Comme nous le pensions dès les premiers épisodes de la saga qui se joue entre Qualcomm et Broadcom, même si le patron de ce dernier, Hock Tan, parvient à racheter le fondeur de San Diego (de gré ou de force), la décision ne lui appartient pas entièrement. Car Qualcomm est presque considéré comme un trésor national par le gouvernement américain. Et voir une société asiatique (même si Broadcom est né aux US, son pavillon est aujourd’hui singapourien) reprendre la firme qui est le fer de lance du déploiement des réseaux 5G (avec Nokia) aux États-Unis, ça ne colle pas vraiment avec les déclarations récentes de l’Administration du président Donald Trump.

Un audit du rachat avant signature

Ainsi, le CFIUS, acronyme de Committee of Foreign Investment in the United States (comité des investissements étrangers aux États-Unis en bon français), a annoncé vouloir étudier la proposition de rachat de Qualcomm par Broadcom dans ses moindres détails. Une décision assez rare : le CFIUS prend généralement position après signature d'un accord entre les deux parties. Cela a eu pour effet immédiat de reporter l’assemblée générale annuelle des actionnaires de Qualcomm, une réunion sous haute tension pour les principaux protagonistes. En effet, les actionnaires doivent voter pour les membres du conseil d’administration.

Qualcomm

Parmi les candidats se trouvent d’une part Paul Jacobs et son équipe et d’autre part six représentants de Hock Tan pour 11 places à pourvoir. Et selon la majorité qui en ressortira, cela faciliterait, ou non, la fusion des deux géants du composant électronique (dans la mesure où un conseil à majorité Broadcom pourra valider la proposition de rachat sans avoir à s'assoir à nouveau à la table des négociations). La nouvelle date est le 5 avril 2018. Et à l’issue du report de 30 jours, un avis sera certainement émis par le comité. Un avis qui pourrait avoir un impact sur le vote, dans la mesure où les actionnaires qui ont déjà voté (par Internet ou par voie postale) auront la possibilité de changer leur choix.

Tactique de conservation

Le but de la manœuvre est simple : bloquer la signature d’un éventuel accord, lequel devient de moins en moins hypothétique à mesure que les négociations avancent entre les deux entreprises. Rappelons en effet que Broadcom et Qualcomm se sont rencontrés à plusieurs reprises (au moins deux fois en février) afin de discuter des termes, financiers et non financiers, d’un éventuel mariage. Mariage à trois d’ailleurs, puisque l’accord de rachat de la firme néerlandaise NXP par Qualcomm a été validé. Et, évidemment, Qualcomm + NXP + Broadcom = nouvel acteur majeur au niveau mondial.
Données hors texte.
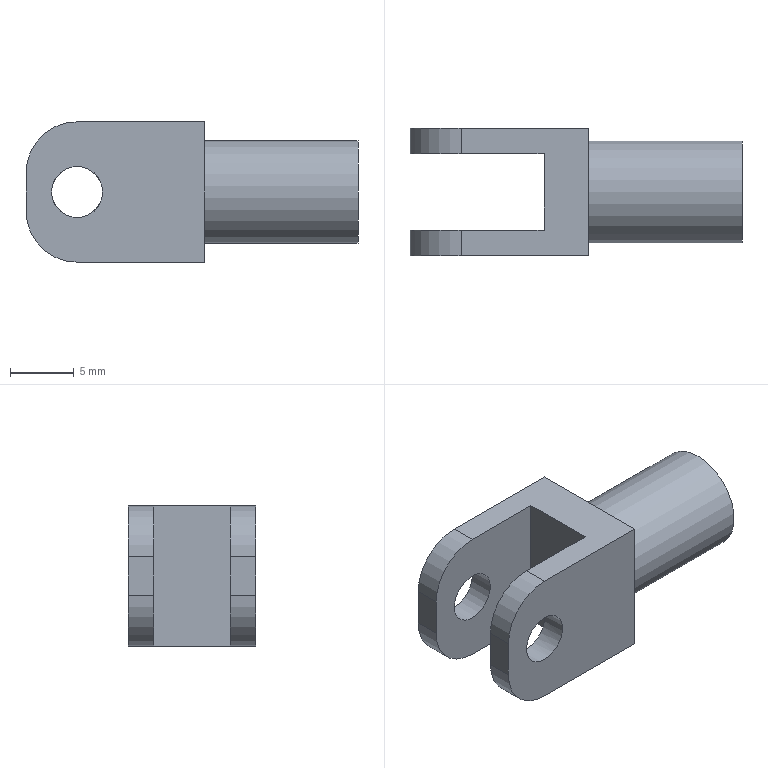Component | NX | CONNECTING_ROD_JOINT_2 | 1 solid | 20 faces | volume 1307 mm3 | plane 11 | cylinder 8 | cone 1 | commonest cylinder face diameters 8 x5 4 x2 3 x1

Et qui dit acteur majeur dit aussi risque de situation monopolistique (ou ultra dominante), notamment dans le domaine. Ce qui sous-entend que certaines parties de l’ensemble pourraient être vendues afin de respecter certaines règles sur la libre concurrence. Selon l’agence de presse Reuters, qui cite une source anonyme au sein du gouvernement américain, il y a un risque que Hock Tan vende des parties de Qualcomm à des industriels chinois. Des parties qui pourraient être stratégiques pour les États-Unis.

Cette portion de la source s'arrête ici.